Now that a jury has found Boston Marathon bomber Dzhokhar Tsarnaev guilty on 30 federal charges – 17 of which carry the death penalty – the trial now moves to the sentencing phase. The seven women and five men on the jury will now decide whether Tsarnaev should be executed or spend the rest of his life in prison.
That Tsarnaev is even facing the death penalty is a prospect that troubles some legal experts – even some who support the death penalty.
At the heart of the debate is the issue of federal supremacy.
In the U.S. legal system, individual states have jurisdiction over most crimes committed inside their borders. Under normal circumstances, Tsarnaev would have been tried in a state court. Had that happened, Tsarnaev would have at most faced multiple life sentences but he could not have been executed since Massachusetts banned the death penalty in 1984.
The use of the death penalty in the U.S. has steadily declined in recent years. Currently, it is legal in only 32 states. Since it was reinstated in 1976, nearly 1,400 people have been put to death in the U.S.
U.S. Attorney General Eric Holder, who generally opposes capital punishment, authorized federal prosecutors to seek the death penalty in this case, saying that Tsarnaev acted in “an especially heinous, cruel and depraved manner” with a seeming lack of remorse.
Under the so-called “supremacy clause” of the Constitution, whenever there is a conflict between state and federal law, the national government has final say.
Using a complex legal rationale that the bombing impacted interstate commerce, the Justice Department charged Tsarnaev with using a weapon of mass destruction and the “malicious destruction of property” that caused the deaths of three people.
But many legal experts believe this was not a federal crime — including some who support the death penalty and believe Tsarnaev deserves to be executed.
“The essence of state sovereignty is to define, detect, prosecute and punish crime, and it always has been,” said Robert Blecker, professor of constitutional history and criminal law at New York Law School and author of The Death of Punishment: Searching for Justice among the Worst of the Worst.
“The fact is that federal criminal jurisdiction has wildly exploded beyond bounds and beyond original promise, so that even breathing can be a federal crime if the feds want it to be,” Becker said.
Defense attorneys Judy Clarke (L) and David Bruck arrive before closing arguments in the trial of Dzhokhar Tsarnaev at the federal courthouse in Boston, April 6, 2015.
But there are other troubling aspects to the case, says Boston lawyer Max Stern, who serves on board of the Massachusetts Citizens Against the Death Penalty.
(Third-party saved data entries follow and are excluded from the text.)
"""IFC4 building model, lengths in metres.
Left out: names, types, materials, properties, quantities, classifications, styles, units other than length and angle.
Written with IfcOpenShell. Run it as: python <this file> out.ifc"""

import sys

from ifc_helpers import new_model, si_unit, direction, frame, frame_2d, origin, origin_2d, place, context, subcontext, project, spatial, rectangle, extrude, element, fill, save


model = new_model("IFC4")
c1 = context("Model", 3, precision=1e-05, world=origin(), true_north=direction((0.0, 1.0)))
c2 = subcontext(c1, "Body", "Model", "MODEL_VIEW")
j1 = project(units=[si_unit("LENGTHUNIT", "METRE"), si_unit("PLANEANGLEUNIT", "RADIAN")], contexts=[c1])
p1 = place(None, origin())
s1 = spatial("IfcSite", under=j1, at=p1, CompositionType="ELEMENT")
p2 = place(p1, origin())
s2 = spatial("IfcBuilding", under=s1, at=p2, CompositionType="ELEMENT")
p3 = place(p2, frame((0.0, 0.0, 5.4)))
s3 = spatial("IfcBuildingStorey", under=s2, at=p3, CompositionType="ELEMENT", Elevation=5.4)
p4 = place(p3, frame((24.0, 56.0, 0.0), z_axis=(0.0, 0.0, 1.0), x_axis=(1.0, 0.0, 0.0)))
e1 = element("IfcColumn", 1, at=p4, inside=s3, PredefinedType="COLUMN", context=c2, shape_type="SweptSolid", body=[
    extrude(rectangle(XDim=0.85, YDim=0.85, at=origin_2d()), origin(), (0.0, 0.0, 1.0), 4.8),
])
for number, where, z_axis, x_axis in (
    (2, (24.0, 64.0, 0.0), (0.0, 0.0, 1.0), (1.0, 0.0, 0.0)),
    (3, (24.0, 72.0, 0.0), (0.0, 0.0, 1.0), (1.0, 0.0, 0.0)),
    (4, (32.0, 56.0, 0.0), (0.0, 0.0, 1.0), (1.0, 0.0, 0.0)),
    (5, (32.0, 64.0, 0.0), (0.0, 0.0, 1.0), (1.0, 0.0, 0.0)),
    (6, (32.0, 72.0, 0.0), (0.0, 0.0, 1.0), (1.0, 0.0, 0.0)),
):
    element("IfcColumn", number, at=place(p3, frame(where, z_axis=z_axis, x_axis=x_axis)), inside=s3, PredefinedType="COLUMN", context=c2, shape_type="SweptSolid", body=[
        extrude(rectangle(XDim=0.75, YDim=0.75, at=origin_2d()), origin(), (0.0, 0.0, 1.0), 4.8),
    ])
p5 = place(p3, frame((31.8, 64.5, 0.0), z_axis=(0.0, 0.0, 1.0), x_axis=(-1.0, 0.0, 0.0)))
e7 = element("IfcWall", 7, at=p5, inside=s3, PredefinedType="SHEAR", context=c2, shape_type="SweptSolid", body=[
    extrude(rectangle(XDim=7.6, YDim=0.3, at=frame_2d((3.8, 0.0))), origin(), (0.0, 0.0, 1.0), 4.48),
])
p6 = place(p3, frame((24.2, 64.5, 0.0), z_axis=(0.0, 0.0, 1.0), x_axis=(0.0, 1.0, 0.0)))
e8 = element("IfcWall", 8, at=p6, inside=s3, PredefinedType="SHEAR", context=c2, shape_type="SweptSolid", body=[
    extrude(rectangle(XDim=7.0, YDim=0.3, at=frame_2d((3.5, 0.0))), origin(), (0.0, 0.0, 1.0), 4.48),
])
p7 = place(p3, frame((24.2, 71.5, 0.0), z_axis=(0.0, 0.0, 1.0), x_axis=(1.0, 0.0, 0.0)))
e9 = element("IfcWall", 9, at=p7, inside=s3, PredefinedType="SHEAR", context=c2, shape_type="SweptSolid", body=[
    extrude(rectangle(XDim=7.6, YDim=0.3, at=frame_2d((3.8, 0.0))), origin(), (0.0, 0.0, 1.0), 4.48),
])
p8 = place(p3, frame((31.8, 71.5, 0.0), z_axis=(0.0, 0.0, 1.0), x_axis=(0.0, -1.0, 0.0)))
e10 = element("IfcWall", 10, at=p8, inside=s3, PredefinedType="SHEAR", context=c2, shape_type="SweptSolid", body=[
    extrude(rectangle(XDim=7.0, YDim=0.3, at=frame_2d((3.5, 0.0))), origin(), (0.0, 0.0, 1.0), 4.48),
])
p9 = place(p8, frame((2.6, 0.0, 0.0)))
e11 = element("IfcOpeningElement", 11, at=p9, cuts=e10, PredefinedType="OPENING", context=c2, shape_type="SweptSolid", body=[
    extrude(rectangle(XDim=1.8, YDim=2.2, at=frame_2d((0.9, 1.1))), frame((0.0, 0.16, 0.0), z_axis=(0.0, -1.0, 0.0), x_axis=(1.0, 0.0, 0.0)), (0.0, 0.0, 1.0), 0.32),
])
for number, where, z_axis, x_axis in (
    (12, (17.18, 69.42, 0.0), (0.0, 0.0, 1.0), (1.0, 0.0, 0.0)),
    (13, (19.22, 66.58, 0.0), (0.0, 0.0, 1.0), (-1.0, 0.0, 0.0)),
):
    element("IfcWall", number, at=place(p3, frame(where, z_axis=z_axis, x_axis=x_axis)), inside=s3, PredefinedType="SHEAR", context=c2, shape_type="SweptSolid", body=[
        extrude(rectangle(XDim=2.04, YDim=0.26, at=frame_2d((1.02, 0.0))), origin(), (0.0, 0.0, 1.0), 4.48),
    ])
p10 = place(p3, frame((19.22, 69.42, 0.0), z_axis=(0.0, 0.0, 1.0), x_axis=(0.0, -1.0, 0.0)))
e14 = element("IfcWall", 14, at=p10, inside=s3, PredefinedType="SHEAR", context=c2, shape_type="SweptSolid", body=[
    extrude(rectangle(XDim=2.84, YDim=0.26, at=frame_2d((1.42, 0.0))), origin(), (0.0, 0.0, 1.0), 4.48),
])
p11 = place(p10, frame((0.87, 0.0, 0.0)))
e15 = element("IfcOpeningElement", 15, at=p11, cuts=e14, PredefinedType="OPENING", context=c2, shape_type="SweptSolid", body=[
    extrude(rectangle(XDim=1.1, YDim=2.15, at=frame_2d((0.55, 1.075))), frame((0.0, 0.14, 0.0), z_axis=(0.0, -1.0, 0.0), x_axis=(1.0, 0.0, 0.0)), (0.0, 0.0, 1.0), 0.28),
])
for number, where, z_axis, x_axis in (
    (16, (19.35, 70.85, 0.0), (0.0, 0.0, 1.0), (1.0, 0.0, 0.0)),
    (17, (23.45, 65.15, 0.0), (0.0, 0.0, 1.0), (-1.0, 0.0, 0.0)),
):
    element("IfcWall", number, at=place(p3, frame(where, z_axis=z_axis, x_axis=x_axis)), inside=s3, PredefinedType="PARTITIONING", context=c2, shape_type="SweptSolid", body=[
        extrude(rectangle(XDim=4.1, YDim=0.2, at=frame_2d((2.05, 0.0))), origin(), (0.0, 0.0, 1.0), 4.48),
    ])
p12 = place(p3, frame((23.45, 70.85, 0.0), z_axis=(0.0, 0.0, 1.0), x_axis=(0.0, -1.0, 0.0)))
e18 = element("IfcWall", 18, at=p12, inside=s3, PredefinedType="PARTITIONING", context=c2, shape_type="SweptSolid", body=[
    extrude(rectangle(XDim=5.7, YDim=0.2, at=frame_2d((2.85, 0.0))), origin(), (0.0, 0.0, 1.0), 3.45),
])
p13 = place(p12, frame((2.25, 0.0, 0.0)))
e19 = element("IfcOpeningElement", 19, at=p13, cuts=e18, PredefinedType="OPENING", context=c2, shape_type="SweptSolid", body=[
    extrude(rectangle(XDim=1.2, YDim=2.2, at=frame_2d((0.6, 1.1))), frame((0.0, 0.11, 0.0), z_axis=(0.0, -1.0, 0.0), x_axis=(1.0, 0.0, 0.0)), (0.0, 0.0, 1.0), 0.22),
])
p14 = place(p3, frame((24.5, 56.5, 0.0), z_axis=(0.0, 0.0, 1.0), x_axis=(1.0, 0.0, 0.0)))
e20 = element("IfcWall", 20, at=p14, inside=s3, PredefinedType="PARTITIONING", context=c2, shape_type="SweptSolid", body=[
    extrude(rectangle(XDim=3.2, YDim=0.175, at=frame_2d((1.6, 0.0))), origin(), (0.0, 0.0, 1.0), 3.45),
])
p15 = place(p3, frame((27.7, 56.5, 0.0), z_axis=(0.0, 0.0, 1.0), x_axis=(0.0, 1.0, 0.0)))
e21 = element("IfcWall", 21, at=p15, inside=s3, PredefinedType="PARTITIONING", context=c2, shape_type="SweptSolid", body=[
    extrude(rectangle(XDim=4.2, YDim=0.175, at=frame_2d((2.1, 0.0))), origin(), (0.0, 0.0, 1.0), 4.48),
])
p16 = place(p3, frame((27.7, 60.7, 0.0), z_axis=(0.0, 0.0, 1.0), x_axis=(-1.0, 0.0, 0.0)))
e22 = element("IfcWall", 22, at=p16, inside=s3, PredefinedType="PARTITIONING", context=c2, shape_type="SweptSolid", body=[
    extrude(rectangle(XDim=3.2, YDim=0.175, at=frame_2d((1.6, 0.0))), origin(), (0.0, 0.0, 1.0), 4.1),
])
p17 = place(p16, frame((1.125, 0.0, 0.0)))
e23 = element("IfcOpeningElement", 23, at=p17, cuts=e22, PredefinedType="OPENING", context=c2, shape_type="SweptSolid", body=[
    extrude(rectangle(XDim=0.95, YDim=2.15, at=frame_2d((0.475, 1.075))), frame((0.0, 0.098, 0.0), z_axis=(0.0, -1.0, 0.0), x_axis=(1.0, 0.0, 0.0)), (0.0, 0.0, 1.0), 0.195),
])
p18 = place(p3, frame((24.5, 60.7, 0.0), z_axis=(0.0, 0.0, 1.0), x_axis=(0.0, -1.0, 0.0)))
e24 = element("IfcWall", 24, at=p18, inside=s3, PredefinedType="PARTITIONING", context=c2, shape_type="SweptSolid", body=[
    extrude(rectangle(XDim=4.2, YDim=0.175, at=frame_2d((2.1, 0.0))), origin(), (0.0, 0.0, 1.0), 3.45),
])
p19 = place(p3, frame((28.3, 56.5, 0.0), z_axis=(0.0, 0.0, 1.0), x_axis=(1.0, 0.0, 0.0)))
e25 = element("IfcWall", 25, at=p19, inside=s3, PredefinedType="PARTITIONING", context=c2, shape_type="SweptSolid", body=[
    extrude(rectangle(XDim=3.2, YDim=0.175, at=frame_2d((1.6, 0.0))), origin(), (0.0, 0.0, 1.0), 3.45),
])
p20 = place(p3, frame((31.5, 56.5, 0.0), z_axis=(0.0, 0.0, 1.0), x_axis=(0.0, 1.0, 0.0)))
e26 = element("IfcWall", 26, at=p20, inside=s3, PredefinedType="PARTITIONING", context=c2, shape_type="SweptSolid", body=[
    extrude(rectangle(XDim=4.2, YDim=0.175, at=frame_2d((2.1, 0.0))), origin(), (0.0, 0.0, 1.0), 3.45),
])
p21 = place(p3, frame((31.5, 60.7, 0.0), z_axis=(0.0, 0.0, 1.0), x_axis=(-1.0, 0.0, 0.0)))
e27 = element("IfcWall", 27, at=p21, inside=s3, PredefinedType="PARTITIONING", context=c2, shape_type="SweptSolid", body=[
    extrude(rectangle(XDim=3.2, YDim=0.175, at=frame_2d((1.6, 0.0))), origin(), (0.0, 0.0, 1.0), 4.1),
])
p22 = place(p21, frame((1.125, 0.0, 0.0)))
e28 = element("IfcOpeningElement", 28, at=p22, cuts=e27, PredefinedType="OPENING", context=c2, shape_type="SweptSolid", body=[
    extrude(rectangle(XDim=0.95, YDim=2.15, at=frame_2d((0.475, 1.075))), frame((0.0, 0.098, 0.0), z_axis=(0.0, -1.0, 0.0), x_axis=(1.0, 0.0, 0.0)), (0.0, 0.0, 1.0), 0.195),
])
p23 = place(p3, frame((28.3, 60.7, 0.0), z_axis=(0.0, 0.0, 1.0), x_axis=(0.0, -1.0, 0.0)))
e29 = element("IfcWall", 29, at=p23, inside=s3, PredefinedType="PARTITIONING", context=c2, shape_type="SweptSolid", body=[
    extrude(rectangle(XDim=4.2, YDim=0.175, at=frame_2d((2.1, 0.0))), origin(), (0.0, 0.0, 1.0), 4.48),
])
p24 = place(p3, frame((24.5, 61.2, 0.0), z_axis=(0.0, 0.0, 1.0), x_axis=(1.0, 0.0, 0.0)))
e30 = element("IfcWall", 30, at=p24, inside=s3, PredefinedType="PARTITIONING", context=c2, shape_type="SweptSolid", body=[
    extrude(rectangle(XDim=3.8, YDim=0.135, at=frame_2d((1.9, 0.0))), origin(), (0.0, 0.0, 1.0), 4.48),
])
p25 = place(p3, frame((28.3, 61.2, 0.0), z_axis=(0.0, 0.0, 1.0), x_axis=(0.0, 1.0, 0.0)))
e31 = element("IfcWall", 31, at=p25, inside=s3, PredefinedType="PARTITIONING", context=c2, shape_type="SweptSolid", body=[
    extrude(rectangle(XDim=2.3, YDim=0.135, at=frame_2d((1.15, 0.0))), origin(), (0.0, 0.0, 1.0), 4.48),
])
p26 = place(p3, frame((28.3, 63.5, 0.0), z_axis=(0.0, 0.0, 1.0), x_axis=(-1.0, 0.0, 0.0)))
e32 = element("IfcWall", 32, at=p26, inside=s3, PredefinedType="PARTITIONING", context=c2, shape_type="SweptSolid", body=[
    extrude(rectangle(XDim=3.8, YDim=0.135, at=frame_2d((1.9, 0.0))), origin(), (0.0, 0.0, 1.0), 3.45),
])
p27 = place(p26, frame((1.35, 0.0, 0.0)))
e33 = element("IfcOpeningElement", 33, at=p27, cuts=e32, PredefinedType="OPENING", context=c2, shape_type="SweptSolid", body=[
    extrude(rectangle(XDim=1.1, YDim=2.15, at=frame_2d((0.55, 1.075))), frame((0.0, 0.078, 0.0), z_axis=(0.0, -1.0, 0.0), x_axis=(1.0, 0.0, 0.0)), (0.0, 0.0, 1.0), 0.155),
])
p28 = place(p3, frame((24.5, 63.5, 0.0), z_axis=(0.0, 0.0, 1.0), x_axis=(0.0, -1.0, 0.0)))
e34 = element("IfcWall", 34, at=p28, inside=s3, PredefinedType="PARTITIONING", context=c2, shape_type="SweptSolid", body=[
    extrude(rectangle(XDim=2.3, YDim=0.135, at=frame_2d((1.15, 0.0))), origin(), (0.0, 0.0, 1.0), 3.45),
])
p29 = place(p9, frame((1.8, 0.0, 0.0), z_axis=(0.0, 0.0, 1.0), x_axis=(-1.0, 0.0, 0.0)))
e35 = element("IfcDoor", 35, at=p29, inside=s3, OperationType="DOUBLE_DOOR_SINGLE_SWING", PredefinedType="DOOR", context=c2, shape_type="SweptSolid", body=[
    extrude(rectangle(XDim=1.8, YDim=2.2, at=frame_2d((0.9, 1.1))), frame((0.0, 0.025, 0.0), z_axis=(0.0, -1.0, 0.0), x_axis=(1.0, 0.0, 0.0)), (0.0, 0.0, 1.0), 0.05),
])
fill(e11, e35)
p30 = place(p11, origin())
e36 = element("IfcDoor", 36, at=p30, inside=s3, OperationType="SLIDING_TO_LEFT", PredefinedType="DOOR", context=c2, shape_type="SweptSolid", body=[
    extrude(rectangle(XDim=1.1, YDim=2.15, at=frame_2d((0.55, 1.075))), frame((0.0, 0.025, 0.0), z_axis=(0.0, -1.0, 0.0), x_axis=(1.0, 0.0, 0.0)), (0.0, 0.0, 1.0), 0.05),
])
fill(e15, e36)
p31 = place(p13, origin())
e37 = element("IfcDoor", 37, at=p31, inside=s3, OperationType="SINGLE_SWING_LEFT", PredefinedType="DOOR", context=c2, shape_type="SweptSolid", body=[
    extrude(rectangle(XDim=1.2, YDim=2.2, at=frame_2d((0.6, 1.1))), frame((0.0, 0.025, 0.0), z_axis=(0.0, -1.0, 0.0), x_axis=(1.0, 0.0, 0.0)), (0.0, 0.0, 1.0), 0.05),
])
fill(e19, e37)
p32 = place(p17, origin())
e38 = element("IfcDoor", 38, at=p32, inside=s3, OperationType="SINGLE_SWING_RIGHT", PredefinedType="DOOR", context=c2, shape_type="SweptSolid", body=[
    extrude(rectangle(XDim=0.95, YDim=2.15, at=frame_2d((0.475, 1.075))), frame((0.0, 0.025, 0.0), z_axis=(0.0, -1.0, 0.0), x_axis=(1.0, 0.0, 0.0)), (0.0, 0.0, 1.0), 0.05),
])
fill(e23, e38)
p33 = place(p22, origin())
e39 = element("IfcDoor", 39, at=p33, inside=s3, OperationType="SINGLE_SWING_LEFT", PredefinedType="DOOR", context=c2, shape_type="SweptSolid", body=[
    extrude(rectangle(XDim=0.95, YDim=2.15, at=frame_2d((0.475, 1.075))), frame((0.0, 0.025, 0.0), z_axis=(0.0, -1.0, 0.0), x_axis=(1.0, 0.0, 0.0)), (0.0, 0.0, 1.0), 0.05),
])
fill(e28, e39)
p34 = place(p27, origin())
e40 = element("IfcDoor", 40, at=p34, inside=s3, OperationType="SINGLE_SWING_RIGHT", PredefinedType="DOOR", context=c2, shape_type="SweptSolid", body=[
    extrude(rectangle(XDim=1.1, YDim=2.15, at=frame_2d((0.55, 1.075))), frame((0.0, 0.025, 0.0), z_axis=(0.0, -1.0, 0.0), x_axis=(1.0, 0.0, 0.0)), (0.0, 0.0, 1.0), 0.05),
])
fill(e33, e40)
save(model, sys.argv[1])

For one, the jury may be predisposed toward the death sentence.
“You pick the jury in these cases by doing what’s called ‘death qualifications,’ he said. “And those people who are against the death penalty as a matter of principle are not eligible for jury service. They are eliminated.”
Second, he believes the trial should not have been held in Boston, where it would be almost impossible to form an impartial jury.
“You start with a pool of potential jurors who are already biased in one direction. And then you are picking these jurors from a section of the population of the state, almost all of whom have been peripherally affected by the offense,” Stern said.
But in a recent Boston poll, 62 percent of respondents said they believed Tsarnaev should receive a prison sentence. Only 27 percent believe he should die.
Tsarnaev’s lawyers filed for a change of venue several times, but the federal judge rejected their motions, saying this was a matter that could be brought up in a later appeal.
In the upcoming penalty phase of the trial, jurors will consider any extenuating factors that could impact their final decision on whether he should be put to death.
The defense has argued that Tsarnaev acted under the strong influence of his older brother, who died after a shootout with police several days after the bombing.
One of his attorneys, Judy Clarke, helped several high-profile defendants avoid the death penalty, including “Unabomber” Ted Kaczynski and Zacarias Moussaoui, who is currently serving a life sentence for his role in the 9/11 attacks.
Although the federal death penalty has been authorized for about 500 people, only three have been put to death – among them, Oklahoma City bomber Timothy McVeigh.